Current robotic systems are incapable of fully characterizing their interaction with the environment. Full characterization of the interaction means: discerning collisions, localizing contact constraints, and estimating interaction forces. Although there are mature algorithms for compliant hybrid motion/force control, there exists no unified framework for the impact and post-impact phases. These algorithms require a priori knowledge of the environmental constraint geometry via formulation of natural and artificial constraints or motion and constraint screws. Previous works on rigid-link robots do not apply directly to continuum manipulators and do not provide a unified method for both collision detection and estimation of contact location without a priori knowledge of the environmental constraints and additional sensory devices such as robotic skins.
Previous works individually focused on collision detection, and estimation of constraint locations. For example, generalized momentum of serial robots was used to identify contact incidence and the link at which contact occurs. Additionally, a least-squares method using an estimate of contact location from tactile sensors and joint torque measurements to estimate the magnitude and the location of contact force was presented. Further, two different probabilistic approaches for contact estimation were proposed.
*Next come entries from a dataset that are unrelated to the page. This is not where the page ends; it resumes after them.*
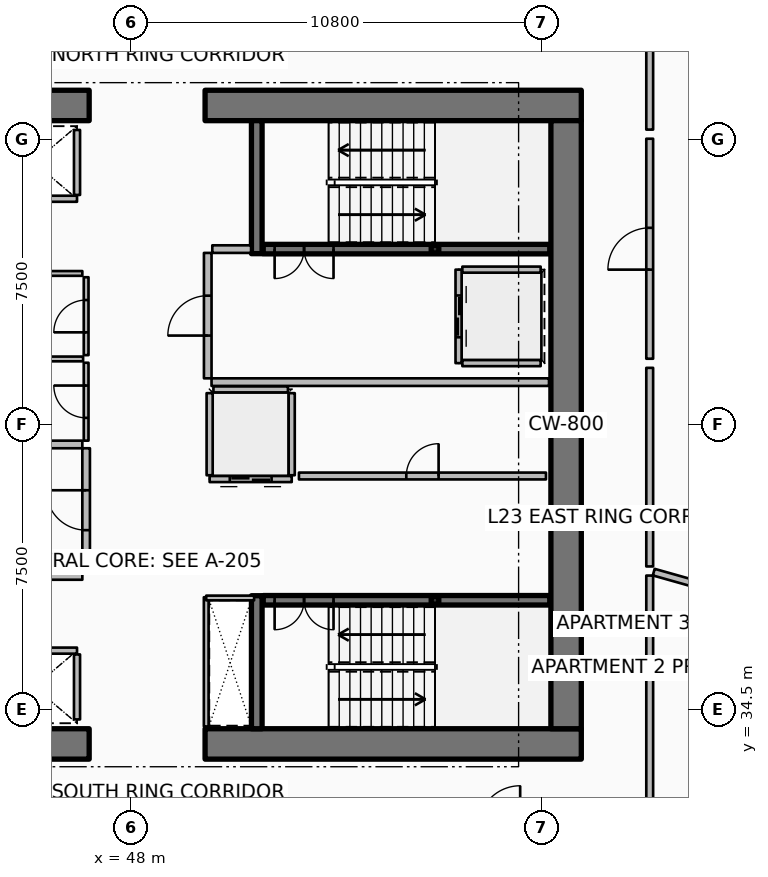
"""IFC4 building model, lengths in metres.
Left out: names, types, materials, properties, quantities, classifications, styles, units other than length and angle.
Written with IfcOpenShell. Run it as: python <this file> out.ifc"""

import sys

from ifc_helpers import new_model, si_unit, direction, frame, frame_2d, origin, origin_2d, place, context, subcontext, project, spatial, rectangle, hollow_rectangle, extrude, element, fill, save


model = new_model("IFC4")
c1 = context("Model", 3, precision=1e-05, world=origin(), true_north=direction((0.0, 1.0)))
c2 = subcontext(c1, "Body", "Model", "MODEL_VIEW")
j1 = project(units=[si_unit("LENGTHUNIT", "METRE"), si_unit("PLANEANGLEUNIT", "RADIAN")], contexts=[c1])
p1 = place(None, origin())
s1 = spatial("IfcSite", under=j1, at=p1, CompositionType="ELEMENT")
p2 = place(p1, origin())
s2 = spatial("IfcBuilding", under=s1, at=p2, CompositionType="ELEMENT")
p3 = place(p2, frame((0.0, 0.0, 93.9)))
s3 = spatial("IfcBuildingStorey", under=s2, at=p3, CompositionType="ELEMENT", Elevation=93.9)
p4 = place(p3, frame((37.0, 33.6, 0.0), z_axis=(0.0, 0.0, 1.0), x_axis=(1.0, 0.0, 0.0)))
e1 = element("IfcWall", 1, at=p4, inside=s3, PredefinedType="SHEAR", context=c2, shape_type="SweptSolid", body=[
    extrude(rectangle(XDim=9.9, YDim=0.8, at=frame_2d((4.95, 0.0))), origin(), (0.0, 0.0, 1.0), 3.75),
])
p5 = place(p3, frame((49.95, 33.6, 0.0), z_axis=(0.0, 0.0, 1.0), x_axis=(1.0, 0.0, 0.0)))
e2 = element("IfcWall", 2, at=p5, inside=s3, PredefinedType="SHEAR", context=c2, shape_type="SweptSolid", body=[
    extrude(rectangle(XDim=9.9, YDim=0.8, at=frame_2d((4.95, 0.0))), origin(), (0.0, 0.0, 1.0), 3.75),
])
p6 = place(p3, frame((37.0, 50.4, 0.0), z_axis=(0.0, 0.0, 1.0), x_axis=(1.0, 0.0, 0.0)))
e3 = element("IfcWall", 3, at=p6, inside=s3, PredefinedType="SHEAR", context=c2, shape_type="SweptSolid", body=[
    extrude(rectangle(XDim=9.9, YDim=0.8, at=frame_2d((4.95, 0.0))), origin(), (0.0, 0.0, 1.0), 3.75),
])
p7 = place(p3, frame((49.95, 50.4, 0.0), z_axis=(0.0, 0.0, 1.0), x_axis=(1.0, 0.0, 0.0)))
e4 = element("IfcWall", 4, at=p7, inside=s3, PredefinedType="SHEAR", context=c2, shape_type="SweptSolid", body=[
    extrude(rectangle(XDim=9.9, YDim=0.8, at=frame_2d((4.95, 0.0))), origin(), (0.0, 0.0, 1.0), 3.75),
])
p8 = place(p3, frame((59.45, 34.0, 0.0), z_axis=(0.0, 0.0, 1.0), x_axis=(0.0, 1.0, 0.0)))
e5 = element("IfcWall", 5, at=p8, inside=s3, PredefinedType="SHEAR", context=c2, shape_type="SweptSolid", body=[
    extrude(rectangle(XDim=16.0, YDim=0.8, at=frame_2d((8.0, 0.0))), origin(), (0.0, 0.0, 1.0), 3.75),
])
for number, where, z_axis, x_axis in (
    (6, (51.31, 46.5, 0.0), (0.0, 0.0, 1.0), (0.0, 1.0, 0.0)),
    (7, (51.31, 34.0, 0.0), (0.0, 0.0, 1.0), (0.0, 1.0, 0.0)),
):
    element("IfcWall", number, at=place(p3, frame(where, z_axis=z_axis, x_axis=x_axis)), inside=s3, PredefinedType="SHEAR", context=c2, shape_type="SweptSolid", body=[
        extrude(rectangle(XDim=3.5, YDim=0.28, at=frame_2d((1.75, 0.0))), origin(), (0.0, 0.0, 1.0), 3.75),
    ])
for number, where, z_axis, x_axis in (
    (8, (56.0, 46.62, 0.0), (0.0, 0.0, 1.0), (1.0, 0.0, 0.0)),
    (9, (56.0, 37.38, 0.0), (0.0, 0.0, 1.0), (1.0, 0.0, 0.0)),
):
    element("IfcColumn", number, at=place(p3, frame(where, z_axis=z_axis, x_axis=x_axis)), inside=s3, PredefinedType="COLUMN", context=c2, shape_type="SweptSolid", body=[
        extrude(hollow_rectangle(XDim=0.2, YDim=0.2, WallThickness=0.01, InnerFilletRadius=0.01, OuterFilletRadius=0.02, at=origin_2d()), origin(), (0.0, 0.0, 1.0), 1.67),
    ])
p9 = place(p3, frame((51.48, 46.62, 0.0), z_axis=(0.0, 0.0, 1.0), x_axis=(1.0, 0.0, 0.0)))
e10 = element("IfcWall", 10, at=p9, inside=s3, PredefinedType="SOLIDWALL", context=c2, shape_type="SweptSolid", body=[
    extrude(rectangle(XDim=7.54, YDim=0.25, at=frame_2d((3.77, 0.0))), origin(), (0.0, 0.0, 1.0), 3.5),
])
p10 = place(p9, frame((0.3, 0.0, 0.0)))
e11 = element("IfcOpeningElement", 11, at=p10, cuts=e10, PredefinedType="OPENING", context=c2, shape_type="SweptSolid", body=[
    extrude(rectangle(XDim=1.55, YDim=2.15, at=frame_2d((0.775, 1.075))), frame((0.0, 0.135, 0.0), z_axis=(0.0, -1.0, 0.0), x_axis=(1.0, 0.0, 0.0)), (0.0, 0.0, 1.0), 0.27),
])
p11 = place(p3, frame((51.48, 37.38, 0.0), z_axis=(0.0, 0.0, 1.0), x_axis=(1.0, 0.0, 0.0)))
e12 = element("IfcWall", 12, at=p11, inside=s3, PredefinedType="SOLIDWALL", context=c2, shape_type="SweptSolid", body=[
    extrude(rectangle(XDim=7.54, YDim=0.25, at=frame_2d((3.77, 0.0))), origin(), (0.0, 0.0, 1.0), 3.5),
])
p12 = place(p11, frame((0.3, 0.0, 0.0)))
e13 = element("IfcOpeningElement", 13, at=p12, cuts=e12, PredefinedType="OPENING", context=c2, shape_type="SweptSolid", body=[
    extrude(rectangle(XDim=1.55, YDim=2.15, at=frame_2d((0.775, 1.075))), frame((0.0, 0.135, 0.0), z_axis=(0.0, -1.0, 0.0), x_axis=(1.0, 0.0, 0.0)), (0.0, 0.0, 1.0), 0.27),
])
p13 = place(p3, frame((46.58, 47.945, 0.0), z_axis=(0.0, 0.0, 1.0), x_axis=(-1.0, 0.0, 0.0)))
e14 = element("IfcWall", 14, at=p13, inside=s3, PredefinedType="PARTITIONING", context=c2, shape_type="SweptSolid", body=[
    extrude(rectangle(XDim=2.26, YDim=0.16, at=frame_2d((1.13, 0.0))), origin(), (0.0, 0.0, 1.0), 3.5),
])
p14 = place(p3, frame((46.58, 48.045, 0.0), z_axis=(0.0, 0.0, 1.0), x_axis=(0.0, 1.0, 0.0)))
e15 = element("IfcWall", 15, at=p14, inside=s3, PredefinedType="PARTITIONING", context=c2, shape_type="SweptSolid", body=[
    extrude(rectangle(XDim=1.71, YDim=0.16, at=frame_2d((0.855, 0.0))), origin(), (0.0, 0.0, 1.0), 3.5),
])
p15 = place(p3, frame((44.32, 36.055, 0.0), z_axis=(0.0, 0.0, 1.0), x_axis=(1.0, 0.0, 0.0)))
e16 = element("IfcWall", 16, at=p15, inside=s3, PredefinedType="PARTITIONING", context=c2, shape_type="SweptSolid", body=[
    extrude(rectangle(XDim=2.26, YDim=0.16, at=frame_2d((1.13, 0.0))), origin(), (0.0, 0.0, 1.0), 3.5),
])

Still other researchers have tried to overcome the limitations of rigid-link robots by developing sensitive robotic skins.
Continuum robots are continuously bending, infinite-degree-of-freedom elastic structures that offer an opportunity to overcome the limitations of rigid-link robots. This opportunity stems from the ability of continuum robots to change their shape when interacting with the environment.
The motivation behind investigation into methods for robot manipulation originates in the field of medical robotics. New surgical paradigms such as Natural Orifice Transluminal Endoscopic Surgery (NOTES) demand deeper anatomical reach along increasingly tortuous paths. Medical robots need to be intelligent to autonomously prevent inadvertent trauma to surrounding anatomy while accomplishing surgical tasks beyond the capabilities of conventional robotic platforms for Minimally Invasive Surgery (MIS) in order to meet the challenges of NOTES. Further, robots need to support automated or semi-automated insertion into the anatomy, regulate their contact forces along the whole structure, and use their multi-point interactions to enhance end-effector precision. Up until now, several researchers have relied on passive compliance of continuum robots and wire-actuated articulated robots. However, reliance on passive compliance of surgical robots comes with a price of performance degradation such as payload carrying capability and position accuracy.